她旗下的藝人包括周於民、金成五、蔡E林、莫文瑋、梁景如、羅誌翔等等。
幾乎囊括了寶島娛樂圈半壁江山。
更重要的是,這位在2009年就會進入大陸,和本山傳媒集團簽訂合作協議,宣告兩岸傳媒影視將在影視製作、藝人資源、電視欄目等領域深度合作。

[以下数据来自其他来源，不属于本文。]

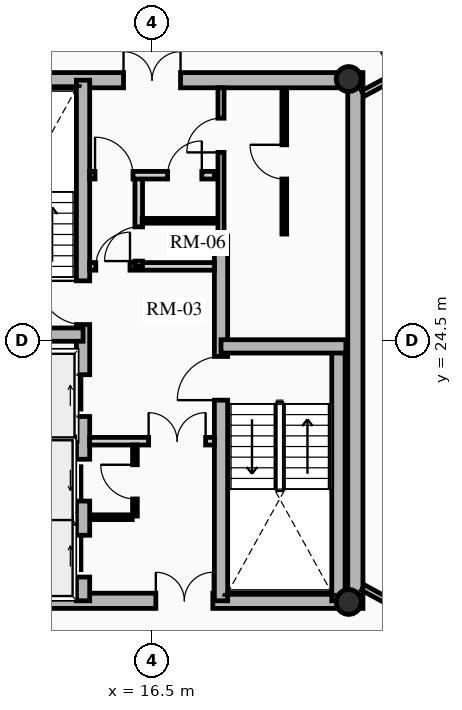
"""IFC4 building model, lengths in metres.
Left out: names, types, materials, properties, quantities, classifications, styles, units other than length and angle.
Written with IfcOpenShell. Run it as: python <this file> out.ifc"""

import sys

from ifc_helpers import new_model, si_unit, direction, frame, frame_2d, origin, origin_2d, place, context, subcontext, project, spatial, rectangle, hollow_circle, extrude, source, transform, mapped, element, fill, save


model = new_model("IFC4")
c1 = context("Model", 3, precision=1e-05, world=origin(), true_north=direction((0.0, 1.0)))
c2 = subcontext(c1, "Body", "Model", "MODEL_VIEW")
j1 = project(units=[si_unit("LENGTHUNIT", "METRE"), si_unit("PLANEANGLEUNIT", "RADIAN")], contexts=[c1])
p1 = place(None, origin())
s1 = spatial("IfcSite", under=j1, at=p1, CompositionType="ELEMENT")
p2 = place(p1, origin())
s2 = spatial("IfcBuilding", under=s1, at=p2, CompositionType="ELEMENT")
p3 = place(p2, frame((0.0, 0.0, 229.25)))
s3 = spatial("IfcBuildingStorey", under=s2, at=p3, CompositionType="ELEMENT", Elevation=229.25)
p4 = place(p3, frame((21.85, 17.45, 0.0), z_axis=(0.0, 0.0, 1.0), x_axis=(0.0, 1.0, 0.0)))
e1 = element("IfcWall", 1, at=p4, inside=s3, PredefinedType="SHEAR", context=c2, shape_type="SweptSolid", body=[
    extrude(rectangle(XDim=14.1, YDim=0.4, at=frame_2d((7.05, 0.0))), origin(), (0.0, 0.0, 1.0), 3.2),
])
p5 = place(p3, frame((11.15, 17.65, 0.0), z_axis=(0.0, 0.0, 1.0), x_axis=(1.0, 0.0, 0.0)))
e2 = element("IfcWall", 2, at=p5, inside=s3, PredefinedType="SHEAR", context=c2, shape_type="SweptSolid", body=[
    extrude(rectangle(XDim=10.7, YDim=0.4, at=frame_2d((5.35, 0.0))), origin(), (0.0, 0.0, 1.0), 3.2),
])
m1 = source(origin(), c2, "Body", "SweptSolid", [
    extrude(rectangle(XDim=1.5, YDim=2.02, at=frame_2d((0.75, 1.01))), frame((0.0, 0.21, 0.0), z_axis=(0.0, -1.0, 0.0), x_axis=(1.0, 0.0, 0.0)), (0.0, 0.0, 1.0), 0.42),
])
p6 = place(p5, frame((5.45, 0.0, 0.0)))
e3 = element("IfcOpeningElement", 3, at=p6, cuts=e2, PredefinedType="OPENING", context=c2, shape_type="MappedRepresentation", body=[
    mapped(m1, transform((0.0, 0.0, 0.0), x_axis=(1.0, 0.0, 0.0), y_axis=(0.0, 1.0, 0.0), z_axis=(0.0, 0.0, 1.0), scale=1.0)),
])
p7 = place(p3, frame((11.15, 31.35, 0.0), z_axis=(0.0, 0.0, 1.0), x_axis=(1.0, 0.0, 0.0)))
e4 = element("IfcWall", 4, at=p7, inside=s3, PredefinedType="SHEAR", context=c2, shape_type="SweptSolid", body=[
    extrude(rectangle(XDim=10.7, YDim=0.4, at=frame_2d((5.35, 0.0))), origin(), (0.0, 0.0, 1.0), 3.2),
])
p8 = place(p7, frame((4.6, 0.0, 0.0)))
e5 = element("IfcOpeningElement", 5, at=p8, cuts=e4, PredefinedType="OPENING", context=c2, shape_type="MappedRepresentation", body=[
    mapped(m1, transform((0.0, 0.0, 0.0), x_axis=(1.0, 0.0, 0.0), y_axis=(0.0, 1.0, 0.0), z_axis=(0.0, 0.0, 1.0), scale=1.0)),
])
p9 = place(p3, frame((14.685, 17.65, 0.0), z_axis=(0.0, 0.0, 1.0), x_axis=(0.0, 1.0, 0.0)))
e6 = element("IfcWall", 6, at=p9, inside=s3, PredefinedType="SHEAR", context=c2, shape_type="SweptSolid", body=[
    extrude(rectangle(XDim=13.7, YDim=0.35, at=frame_2d((6.85, 0.0))), origin(), (0.0, 0.0, 1.0), 3.2),
])
m2 = source(origin(), c2, "Body", "SweptSolid", [
    extrude(rectangle(XDim=1.1, YDim=2.015, at=frame_2d((0.55, 1.007))), frame((0.0, 0.185, 0.0), z_axis=(0.0, -1.0, 0.0), x_axis=(1.0, 0.0, 0.0)), (0.0, 0.0, 1.0), 0.37),
])
p10 = place(p9, frame((4.85, 0.0, 0.0)))
e7 = element("IfcOpeningElement", 7, at=p10, cuts=e6, PredefinedType="OPENING", context=c2, shape_type="MappedRepresentation", body=[
    mapped(m2, transform((0.0, 0.0, 0.0), x_axis=(1.0, 0.0, 0.0), y_axis=(0.0, 1.0, 0.0), z_axis=(0.0, 0.0, 1.0), scale=1.0)),
])
p11 = place(p9, frame((0.625, 0.0, 0.0)))
e8 = element("IfcOpeningElement", 8, at=p11, cuts=e6, PredefinedType="OPENING", context=c2, shape_type="MappedRepresentation", body=[
    mapped(m2, transform((0.0, 0.0, 0.0), x_axis=(1.0, 0.0, 0.0), y_axis=(0.0, 1.0, 0.0), z_axis=(0.0, 0.0, 1.0), scale=1.0)),
])
p12 = place(p9, frame((2.625, 0.0, 0.0)))
e9 = element("IfcOpeningElement", 9, at=p12, cuts=e6, PredefinedType="OPENING", context=c2, shape_type="MappedRepresentation", body=[
    mapped(m2, transform((0.0, 0.0, 0.0), x_axis=(1.0, 0.0, 0.0), y_axis=(0.0, 1.0, 0.0), z_axis=(0.0, 0.0, 1.0), scale=1.0)),
])
m3 = source(origin(), c2, "Body", "SweptSolid", [
    extrude(rectangle(XDim=1.15, YDim=2.02, at=frame_2d((0.575, 1.01))), frame((0.0, 0.185, 0.0), z_axis=(0.0, -1.0, 0.0), x_axis=(1.0, 0.0, 0.0)), (0.0, 0.0, 1.0), 0.37),
])
p13 = place(p9, frame((7.27, 0.0, 0.0)))
e10 = element("IfcOpeningElement", 10, at=p13, cuts=e6, PredefinedType="OPENING", context=c2, shape_type="MappedRepresentation", body=[
    mapped(m3, transform((0.0, 0.0, 0.0), x_axis=(1.0, 0.0, 0.0), y_axis=(0.0, 1.0, 0.0), z_axis=(0.0, 0.0, 1.0), scale=1.0)),
])
p14 = place(p3, frame((18.315, 17.65, 0.0), z_axis=(0.0, 0.0, 1.0), x_axis=(0.0, 1.0, 0.0)))
e11 = element("IfcWall", 11, at=p14, inside=s3, PredefinedType="SHEAR", context=c2, shape_type="SweptSolid", body=[
    extrude(rectangle(XDim=9.6, YDim=0.35, at=frame_2d((4.8, 0.0))), origin(), (0.0, 0.0, 1.0), 3.2),
])
p15 = place(p14, frame((5.28, 0.0, 0.0)))
e12 = element("IfcOpeningElement", 12, at=p15, cuts=e11, PredefinedType="OPENING", context=c2, shape_type="MappedRepresentation", body=[
    mapped(m3, transform((0.0, 0.0, 0.0), x_axis=(1.0, 0.0, 0.0), y_axis=(0.0, 1.0, 0.0), z_axis=(0.0, 0.0, 1.0), scale=1.0)),
])
p16 = place(p3, frame((11.4, 24.655, 0.0), z_axis=(0.0, 0.0, 1.0), x_axis=(1.0, 0.0, 0.0)))
e13 = element("IfcWall", 13, at=p16, inside=s3, PredefinedType="SHEAR", context=c2, shape_type="SweptSolid", body=[
    extrude(rectangle(XDim=3.285, YDim=0.35, at=frame_2d((1.643, 0.0))), origin(), (0.0, 0.0, 1.0), 3.2),
])
p17 = place(p3, frame((21.405, 17.65, 0.0), z_axis=(0.0, 0.0, 1.0), x_axis=(0.0, 1.0, 0.0)))
e14 = element("IfcWall", 14, at=p17, inside=s3, PredefinedType="SHEAR", context=c2, shape_type="SweptSolid", body=[
    extrude(rectangle(XDim=6.695, YDim=0.35, at=frame_2d((3.348, 0.0))), origin(), (0.0, 0.0, 1.0), 3.2),
])
p18 = place(p3, frame((18.315, 24.345, 0.0), z_axis=(0.0, 0.0, 1.0), x_axis=(1.0, 0.0, 0.0)))
e15 = element("IfcWall", 15, at=p18, inside=s3, PredefinedType="SHEAR", context=c2, shape_type="SweptSolid", body=[
    extrude(rectangle(XDim=3.285, YDim=0.35, at=frame_2d((1.643, 0.0))), origin(), (0.0, 0.0, 1.0), 3.2),
])
for number, where, z_axis, x_axis in (
    (16, (21.675, 17.62, 0.0), (0.0, 0.0, 1.0), (1.0, 0.0, 0.0)),
    (17, (21.675, 31.38, 0.0), (0.0, 0.0, 1.0), (1.0, 0.0, 0.0)),
):
    element("IfcColumn", number, at=place(p3, frame(where, z_axis=z_axis, x_axis=x_axis)), inside=s3, PredefinedType="COLUMN", context=c2, shape_type="SweptSolid", body=[
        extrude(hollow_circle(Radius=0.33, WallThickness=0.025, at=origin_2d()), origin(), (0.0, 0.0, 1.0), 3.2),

當然,對更多人來說,認識這位是因為2022年與蔡許坤因6400萬資產凍結事件引發的關注。
冇錯,就是鴿鴿背後的女人。
林墨頓時瞭然。
看來柴芝萍原本要帶他見的前輩,應該就是這位台灣綜藝教母了。
隻是剛纔被自己丟擲的“工作室”方案打了個措手不及,不知道是否該讓兩人碰頭。
不過林墨覺得倒還好。
自己的一些觀點和判斷,應該是和葛付紅的想法不謀而合的。
......
辦公室裡,柴芝萍起身重新泡了壺茶,給葛付紅倒上一杯。
“葛姐,你都聽到了吧?覺得怎麼樣?”
葛付紅放下手中《那些年,我們一起追過的女孩》的電影劇本,在沙發上坐下,接過茶杯抿了一口,才緩緩開口:
“很有趣的年輕人。”
她的聲音不高,但有種不怒自威的氣場。
“你覺得他說的那些......大陸市場、工作室模式,能行嗎?”柴芝萍在她對麵坐下。
“能不能行,要看你怎麼判斷。”葛付紅放下茶杯,
“林墨關於大陸市場的分析,我基本同意。”
“這幾年我跟那邊接觸越來越多,確實能感覺到,大陸的市場潛力,遠遠超過這裡。”
她頓了頓,繼續說:
“至於工作室模式......其實我在想,為什麼我們以前冇想過?”
柴芝萍一愣:“葛姐的意思是......”
“傳統經紀模式,公司和藝人是雇傭關係。”
“藝人紅了,我們多賺點分成;藝人過氣了,我們就換下一個。”
葛付紅語氣平靜,“但這種模式有個問題,留不住真正的頂尖藝人。”
“有本事的藝人,紅了之後一定會想自立門戶,你看周傑輪不就跟阿爾法解約了?”
葛付紅說到這裡時,嘴角掛著點笑意:
“與其等他們翅膀硬了飛走,不如一開始就給他們一個‘巢’。”
柴芝萍若有所思:
“所以林墨這個思路可行?”
“可不可行,要試了才知道。”葛付紅看向柴芝萍,
“但至少,他展示出了足夠的價值。”
“會寫歌,會寫劇本、對行業有清醒認知。”
“這種人才,值得冒險。”
“而且......”葛付紅補充道,
“你注意到冇有?他從頭到尾,要的都隻是自主權和話語權。”
“這說明他很清楚自己的核心競爭力是什麼,對未來是有規劃的。”
柴芝萍回想剛纔的對話,確實如此。
林墨要的並不是可米或華研的資源傾斜,而是自己當家做主的權利。
“那......電影專案呢?”她問。